Sizzle
• We usually don't appreciate people telling us to turn off our brains, but when Swedish House Mafia did it at the start of their five-night farewell run in S.F., we obliged — and were happier for it. Between the relentless beats, the pyrotechnics, and the huge video screens, we realized that whether these guys are really DJing the music live or just acting like it is beside the point.
• Jason Kick of S.F.'s Maus Haus has a new project called Snowboarder. The group's surprise debut is seven songs of punchy hooks, brazen energy, and pure fun — electro-pop-rock as made by demented German robots shredding a mountain while stoned.

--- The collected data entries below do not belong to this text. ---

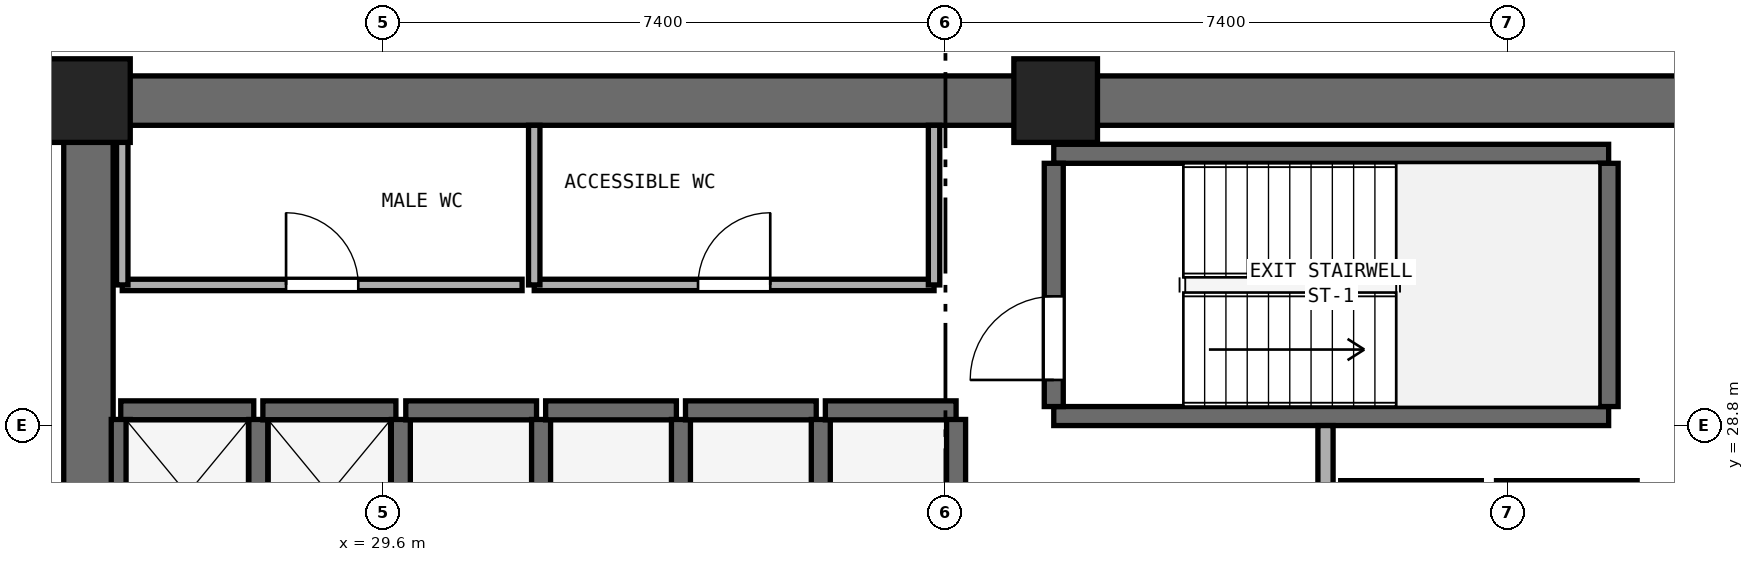
"""IFC4 building model, lengths in metres.
Left out: names, types, materials, properties, quantities, classifications, styles, units other than length and angle.
Written with IfcOpenShell. Run it as: python <this file> out.ifc"""

import sys

from ifc_helpers import new_model, si_unit, direction, frame, frame_2d, origin, origin_2d, place, context, subcontext, project, spatial, rectangle, extrude, element, fill, save


model = new_model("IFC4")
c1 = context("Model", 3, precision=1e-05, world=origin(), true_north=direction((0.0, 1.0)))
c2 = subcontext(c1, "Body", "Model", "MODEL_VIEW")
j1 = project(units=[si_unit("LENGTHUNIT", "METRE"), si_unit("PLANEANGLEUNIT", "RADIAN")], contexts=[c1])
p1 = place(None, origin())
s1 = spatial("IfcSite", under=j1, at=p1, CompositionType="ELEMENT")
p2 = place(p1, origin())
s2 = spatial("IfcBuilding", under=s1, at=p2, CompositionType="ELEMENT")
p3 = place(p2, frame((0.0, 0.0, 28.8)))
s3 = spatial("IfcBuildingStorey", under=s2, at=p3, CompositionType="ELEMENT", Elevation=28.8)
p4 = place(p3, frame((25.4, 33.075, 0.0), z_axis=(0.0, 0.0, 1.0), x_axis=(1.0, 0.0, 0.0)))
e1 = element("IfcWall", 1, at=p4, inside=s3, PredefinedType="SHEAR", context=c2, shape_type="SweptSolid", body=[
    extrude(rectangle(XDim=23.2, YDim=0.65, at=frame_2d((11.6, 0.0))), origin(), (0.0, 0.0, 1.0), 3.525),
])
p5 = place(p3, frame((25.725, 17.65, 0.0), z_axis=(0.0, 0.0, 1.0), x_axis=(0.0, 1.0, 0.0)))
e2 = element("IfcWall", 2, at=p5, inside=s3, PredefinedType="SHEAR", context=c2, shape_type="SweptSolid", body=[
    extrude(rectangle(XDim=15.1, YDim=0.65, at=frame_2d((7.55, 0.0))), origin(), (0.0, 0.0, 1.0), 3.525),
])
p6 = place(p5, frame((6.8, 0.0, 0.0)))
e3 = element("IfcOpeningElement", 3, at=p6, cuts=e2, PredefinedType="OPENING", context=c2, shape_type="SweptSolid", body=[
    extrude(rectangle(XDim=1.5, YDim=2.15, at=frame_2d((0.75, 1.075))), frame((0.0, 0.335, 0.0), z_axis=(0.0, -1.0, 0.0), x_axis=(1.0, 0.0, 0.0)), (0.0, 0.0, 1.0), 0.67),
])
for number, where, z_axis, x_axis in (
    (4, (38.45, 33.075, 0.0), (0.0, 0.0, 1.0), (1.0, 0.0, 0.0)),
    (5, (25.725, 33.075, 0.0), (0.0, 0.0, 1.0), (1.0, 0.0, 0.0)),
):
    element("IfcColumn", number, at=place(p3, frame(where, z_axis=z_axis, x_axis=x_axis)), inside=s3, PredefinedType="PILASTER", context=c2, shape_type="SweptSolid", body=[
        extrude(rectangle(XDim=1.1, YDim=1.1, at=origin_2d()), origin(), (0.0, 0.0, 1.0), 3.8),
    ])
for number, where, z_axis, x_axis in (
    (6, (38.425, 28.925, 0.0), (0.0, 0.0, 1.0), (1.0, 0.0, 0.0)),
    (7, (38.425, 32.375, 0.0), (0.0, 0.0, 1.0), (1.0, 0.0, 0.0)),
):
    element("IfcWall", number, at=place(p3, frame(where, z_axis=z_axis, x_axis=x_axis)), inside=s3, PredefinedType="SHEAR", context=c2, shape_type="SweptSolid", body=[
        extrude(rectangle(XDim=7.3, YDim=0.25, at=frame_2d((3.65, 0.0))), origin(), (0.0, 0.0, 1.0), 3.525),
    ])
p7 = place(p3, frame((38.425, 29.05, 0.0), z_axis=(0.0, 0.0, 1.0), x_axis=(0.0, 1.0, 0.0)))
e8 = element("IfcWall", 8, at=p7, inside=s3, PredefinedType="SHEAR", context=c2, shape_type="SweptSolid", body=[
    extrude(rectangle(XDim=3.2, YDim=0.25, at=frame_2d((1.6, 0.0))), origin(), (0.0, 0.0, 1.0), 3.525),
])
p8 = place(p7, frame((0.35, 0.0, 0.0)))
e9 = element("IfcOpeningElement", 9, at=p8, cuts=e8, PredefinedType="OPENING", context=c2, shape_type="SweptSolid", body=[
    extrude(rectangle(XDim=1.1, YDim=2.15, at=frame_2d((0.55, 1.075))), frame((0.0, 0.135, 0.0), z_axis=(0.0, -1.0, 0.0), x_axis=(1.0, 0.0, 0.0)), (0.0, 0.0, 1.0), 0.27),
])
p9 = place(p3, frame((45.725, 29.05, 0.0), z_axis=(0.0, 0.0, 1.0), x_axis=(0.0, 1.0, 0.0)))
e10 = element("IfcWall", 10, at=p9, inside=s3, PredefinedType="SHEAR", context=c2, shape_type="SweptSolid", body=[
    extrude(rectangle(XDim=3.2, YDim=0.25, at=frame_2d((1.6, 0.0))), origin(), (0.0, 0.0, 1.0), 3.525),
])
p10 = place(p3, frame((26.15, 29.0, 0.0), z_axis=(0.0, 0.0, 1.0), x_axis=(1.0, 0.0, 0.0)))
e11 = element("IfcWall", 11, at=p10, inside=s3, PredefinedType="SHEAR", context=c2, shape_type="SweptSolid", body=[
    extrude(rectangle(XDim=1.75, YDim=0.25, at=frame_2d((0.875, 0.0))), origin(), (0.0, 0.0, 1.0), 3.525),
])
for number, where, z_axis, x_axis in (
    (12, (26.15, 26.92, 0.0), (0.0, 0.0, 1.0), (0.0, 1.0, 0.0)),
    (13, (27.96, 26.92, 0.0), (0.0, 0.0, 1.0), (0.0, 1.0, 0.0)),
):
    element("IfcWall", number, at=place(p3, frame(where, z_axis=z_axis, x_axis=x_axis)), inside=s3, PredefinedType="SHEAR", context=c2, shape_type="SweptSolid", body=[
        extrude(rectangle(XDim=1.96, YDim=0.25, at=frame_2d((0.98, 0.0))), origin(), (0.0, 0.0, 1.0), 3.525),
    ])
p11 = place(p3, frame((28.02, 29.0, 0.0), z_axis=(0.0, 0.0, 1.0), x_axis=(1.0, 0.0, 0.0)))
e14 = element("IfcWall", 14, at=p11, inside=s3, PredefinedType="SHEAR", context=c2, shape_type="SweptSolid", body=[
    extrude(rectangle(XDim=1.75, YDim=0.25, at=frame_2d((0.875, 0.0))), origin(), (0.0, 0.0, 1.0), 3.525),
])
p12 = place(p3, frame((29.835, 26.92, 0.0), z_axis=(0.0, 0.0, 1.0), x_axis=(0.0, 1.0, 0.0)))
e15 = element("IfcWall", 15, at=p12, inside=s3, PredefinedType="SHEAR", context=c2, shape_type="SweptSolid", body=[
    extrude(rectangle(XDim=1.96, YDim=0.25, at=frame_2d((0.98, 0.0))), origin(), (0.0, 0.0, 1.0), 3.525),
])
p13 = place(p3, frame((29.9, 29.0, 0.0), z_axis=(0.0, 0.0, 1.0), x_axis=(1.0, 0.0, 0.0)))
e16 = element("IfcWall", 16, at=p13, inside=s3, PredefinedType="SHEAR", context=c2, shape_type="SweptSolid", body=[
    extrude(rectangle(XDim=1.72, YDim=0.25, at=frame_2d((0.86, 0.0))), origin(), (0.0, 0.0, 1.0), 3.525),
])
p14 = place(p3, frame((31.68, 26.92, 0.0), z_axis=(0.0, 0.0, 1.0), x_axis=(0.0, 1.0, 0.0)))
e17 = element("IfcWall", 17, at=p14, inside=s3, PredefinedType="SHEAR", context=c2, shape_type="SweptSolid", body=[
    extrude(rectangle(XDim=1.96, YDim=0.25, at=frame_2d((0.98, 0.0))), origin(), (0.0, 0.0, 1.0), 3.525),
])
p15 = place(p3, frame((31.74, 29.0, 0.0), z_axis=(0.0, 0.0, 1.0), x_axis=(1.0, 0.0, 0.0)))
e18 = element("IfcWall", 18, at=p15, inside=s3, PredefinedType="SHEAR", context=c2, shape_type="SweptSolid", body=[
    extrude(rectangle(XDim=1.72, YDim=0.25, at=frame_2d((0.86, 0.0))), origin(), (0.0, 0.0, 1.0), 3.525),
])
p16 = place(p3, frame((33.52, 26.92, 0.0), z_axis=(0.0, 0.0, 1.0), x_axis=(0.0, 1.0, 0.0)))
e19 = element("IfcWall", 19, at=p16, inside=s3, PredefinedType="SHEAR", context=c2, shape_type="SweptSolid", body=[
    extrude(rectangle(XDim=1.96, YDim=0.25, at=frame_2d((0.98, 0.0))), origin(), (0.0, 0.0, 1.0), 3.525),
])
p17 = place(p3, frame((33.58, 29.0, 0.0), z_axis=(0.0, 0.0, 1.0), x_axis=(1.0, 0.0, 0.0)))
e20 = element("IfcWall", 20, at=p17, inside=s3, PredefinedType="SHEAR", context=c2, shape_type="SweptSolid", body=[
    extrude(rectangle(XDim=1.72, YDim=0.25, at=frame_2d((0.86, 0.0))), origin(), (0.0, 0.0, 1.0), 3.525),
])
p18 = place(p3, frame((35.36, 26.92, 0.0), z_axis=(0.0, 0.0, 1.0), x_axis=(0.0, 1.0, 0.0)))
e21 = element("IfcWall", 21, at=p18, inside=s3, PredefinedType="SHEAR", context=c2, shape_type="SweptSolid", body=[
    extrude(rectangle(XDim=1.96, YDim=0.25, at=frame_2d((0.98, 0.0))), origin(), (0.0, 0.0, 1.0), 3.525),
])
p19 = place(p3, frame((35.42, 29.0, 0.0), z_axis=(0.0, 0.0, 1.0), x_axis=(1.0, 0.0, 0.0)))
e22 = element("IfcWall", 22, at=p19, inside=s3, PredefinedType="SHEAR", context=c2, shape_type="SweptSolid", body=[
    extrude(rectangle(XDim=1.72, YDim=0.25, at=frame_2d((0.86, 0.0))), origin(), (0.0, 0.0, 1.0), 3.525),
])
p20 = place(p3, frame((37.14, 26.92, 0.0), z_axis=(0.0, 0.0, 1.0), x_axis=(0.0, 1.0, 0.0)))
e23 = element("IfcWall", 23, at=p20, inside=s3, PredefinedType="SHEAR", context=c2, shape_type="SweptSolid", body=[
    extrude(rectangle(XDim=1.96, YDim=0.25, at=frame_2d((0.98, 0.0))), origin(), (0.0, 0.0, 1.0), 3.525),
])
for number, where, z_axis, x_axis in (
    (24, (42.2, 27.95, 0.0), (0.0, 0.0, 1.0), (1.0, 0.0, 0.0)),
    (25, (44.25, 27.95, 0.0), (0.0, 0.0, 1.0), (1.0, 0.0, 0.0)),
):
    element("IfcWall", number, at=place(p3, frame(where, z_axis=z_axis, x_axis=x_axis)), inside=s3, PredefinedType="SHEAR", context=c2, shape_type="SweptSolid", body=[
        extrude(rectangle(XDim=1.85, YDim=0.25, at=frame_2d((0.925, 0.0))), origin(), (0.0, 0.0, 1.0), 3.525),
    ])
p21 = place(p3, frame((42.0, 22.75, 0.0), z_axis=(0.0, 0.0, 1.0), x_axis=(0.0, 1.0, 0.0)))
e26 = element("IfcWall", 26, at=p21, inside=s3, PredefinedType="SOLIDWALL", context=c2, shape_type="SweptSolid", body=[
    extrude(rectangle(XDim=6.05, YDim=0.2, at=frame_2d((3.025, 0.0))), origin(), (0.0, 0.0, 1.0), 3.525),
])
p22 = place(p21, frame((0.65, 0.0, 0.0)))
e27 = element("IfcOpeningElement", 27, at=p22, cuts=e26, PredefinedType="OPENING", context=c2, shape_type="SweptSolid", body=[
    extrude(rectangle(XDim=1.2, YDim=2.15, at=frame_2d((0.6, 1.075))), frame((0.0, 0.11, 0.0), z_axis=(0.0, -1.0, 0.0), x_axis=(1.0, 0.0, 0.0)), (0.0, 0.0, 1.0), 0.22),
])
p23 = place(p3, frame((26.17, 30.65, 0.0), z_axis=(0.0, 0.0, 1.0), x_axis=(1.0, 0.0, 0.0)))
e28 = element("IfcWall", 28, at=p23, inside=s3, PredefinedType="PARTITIONING", context=c2, shape_type="SweptSolid", body=[
    extrude(rectangle(XDim=5.26, YDim=0.15, at=frame_2d((2.63, 0.0))), origin(), (0.0, 0.0, 1.0), 3.525),
])
p24 = place(p23, frame((2.155, 0.0, 0.0)))
e29 = element("IfcOpeningElement", 29, at=p24, cuts=e28, PredefinedType="OPENING", context=c2, shape_type="SweptSolid", body=[
    extrude(rectangle(XDim=0.95, YDim=2.1, at=frame_2d((0.475, 1.05))), frame((0.0, 0.085, 0.0), z_axis=(0.0, -1.0, 0.0), x_axis=(1.0, 0.0, 0.0)), (0.0, 0.0, 1.0), 0.17),
])
p25 = place(p3, frame((26.17, 30.65, 0.0), z_axis=(0.0, 0.0, 1.0), x_axis=(0.0, 1.0, 0.0)))
e30 = element("IfcWall", 30, at=p25, inside=s3, PredefinedType="PARTITIONING", context=c2, shape_type="SweptSolid", body=[
    extrude(rectangle(XDim=2.1, YDim=0.15, at=frame_2d((1.05, 0.0))), origin(), (0.0, 0.0, 1.0), 3.525),
])
p26 = place(p3, frame((31.59, 30.65, 0.0), z_axis=(0.0, 0.0, 1.0), x_axis=(1.0, 0.0, 0.0)))
e31 = element("IfcWall", 31, at=p26, inside=s3, PredefinedType="PARTITIONING", context=c2, shape_type="SweptSolid", body=[
    extrude(rectangle(XDim=5.26, YDim=0.15, at=frame_2d((2.63, 0.0))), origin(), (0.0, 0.0, 1.0), 3.525),
])
p27 = place(p26, frame((2.155, 0.0, 0.0)))
e32 = element("IfcOpeningElement", 32, at=p27, cuts=e31, PredefinedType="OPENING", context=c2, shape_type="SweptSolid", body=[
    extrude(rectangle(XDim=0.95, YDim=2.1, at=frame_2d((0.475, 1.05))), frame((0.0, 0.085, 0.0), z_axis=(0.0, -1.0, 0.0), x_axis=(1.0, 0.0, 0.0)), (0.0, 0.0, 1.0), 0.17),
])
for number, where, z_axis, x_axis in (
    (33, (31.59, 30.65, 0.0), (0.0, 0.0, 1.0), (0.0, 1.0, 0.0)),
    (34, (36.85, 30.65, 0.0), (0.0, 0.0, 1.0), (0.0, 1.0, 0.0)),
):
    element("IfcWall", number, at=place(p3, frame(where, z_axis=z_axis, x_axis=x_axis)), inside=s3, PredefinedType="PARTITIONING", context=c2, shape_type="SweptSolid", body=[
        extrude(rectangle(XDim=2.1, YDim=0.15, at=frame_2d((1.05, 0.0))), origin(), (0.0, 0.0, 1.0), 3.525),
    ])
p28 = place(p8, origin())
e35 = element("IfcDoor", 35, at=p28, inside=s3, OperationType="SINGLE_SWING_LEFT", PredefinedType="DOOR", context=c2, shape_type="SweptSolid", body=[
    extrude(rectangle(XDim=1.1, YDim=2.15, at=frame_2d((0.55, 1.075))), frame((0.0, 0.025, 0.0), z_axis=(0.0, -1.0, 0.0), x_axis=(1.0, 0.0, 0.0)), (0.0, 0.0, 1.0), 0.05),
])
fill(e9, e35)
p29 = place(p24, origin())
e36 = element("IfcDoor", 36, at=p29, inside=s3, OperationType="SINGLE_SWING_LEFT", PredefinedType="DOOR", context=c2, shape_type="SweptSolid", body=[
    extrude(rectangle(XDim=0.95, YDim=2.1, at=frame_2d((0.475, 1.05))), frame((0.0, 0.025, 0.0), z_axis=(0.0, -1.0, 0.0), x_axis=(1.0, 0.0, 0.0)), (0.0, 0.0, 1.0), 0.05),
])
fill(e29, e36)
p30 = place(p27, origin())
e37 = element("IfcDoor", 37, at=p30, inside=s3, OperationType="SINGLE_SWING_RIGHT", PredefinedType="DOOR", context=c2, shape_type="SweptSolid", body=[
    extrude(rectangle(XDim=0.95, YDim=2.1, at=frame_2d((0.475, 1.05))), frame((0.0, 0.025, 0.0), z_axis=(0.0, -1.0, 0.0), x_axis=(1.0, 0.0, 0.0)), (0.0, 0.0, 1.0), 0.05),
])
fill(e32, e37)
save(model, sys.argv[1])

• Travis Hayes Busse, a booker for Thee Parkside and Noise Pop, is the subject of a new mini-documentary on the S.F. music scene — in the form of a Scion car ad. The three-minute clip shows Busse explaining how he came to work in music for a living, and illustrates what a 24/7 kind of job it is. Doesn't say where he parks, though.
Fizzle
• That Mr. Bungle reunion isn't going to happen. Trevor Dunn, bassist for the Nor-Cal freak-rockers as well as Mike Patton's Tomahawk, dismissed the idea in an interview. "It would feel weird and awkward to play that music again," he told us.
• Green Day needs to stop releasing so much material at the same time. Last year it was three albums in a single season — which largely seemed like an excuse to put drummer Tre Cool's face on an album called Tre — and now it's two documentaries at SXSW. Learn to self-edit, guys.
• Watching the MTV-edited video for "Bitches Love Me," a new track from Lil Wayne, Drake, and Future, amounts to a game of misogynist mad libs. Practically every other word is bleeped out. It's so over-the-top absurd, it's impossible to view this thing as anything but a joke.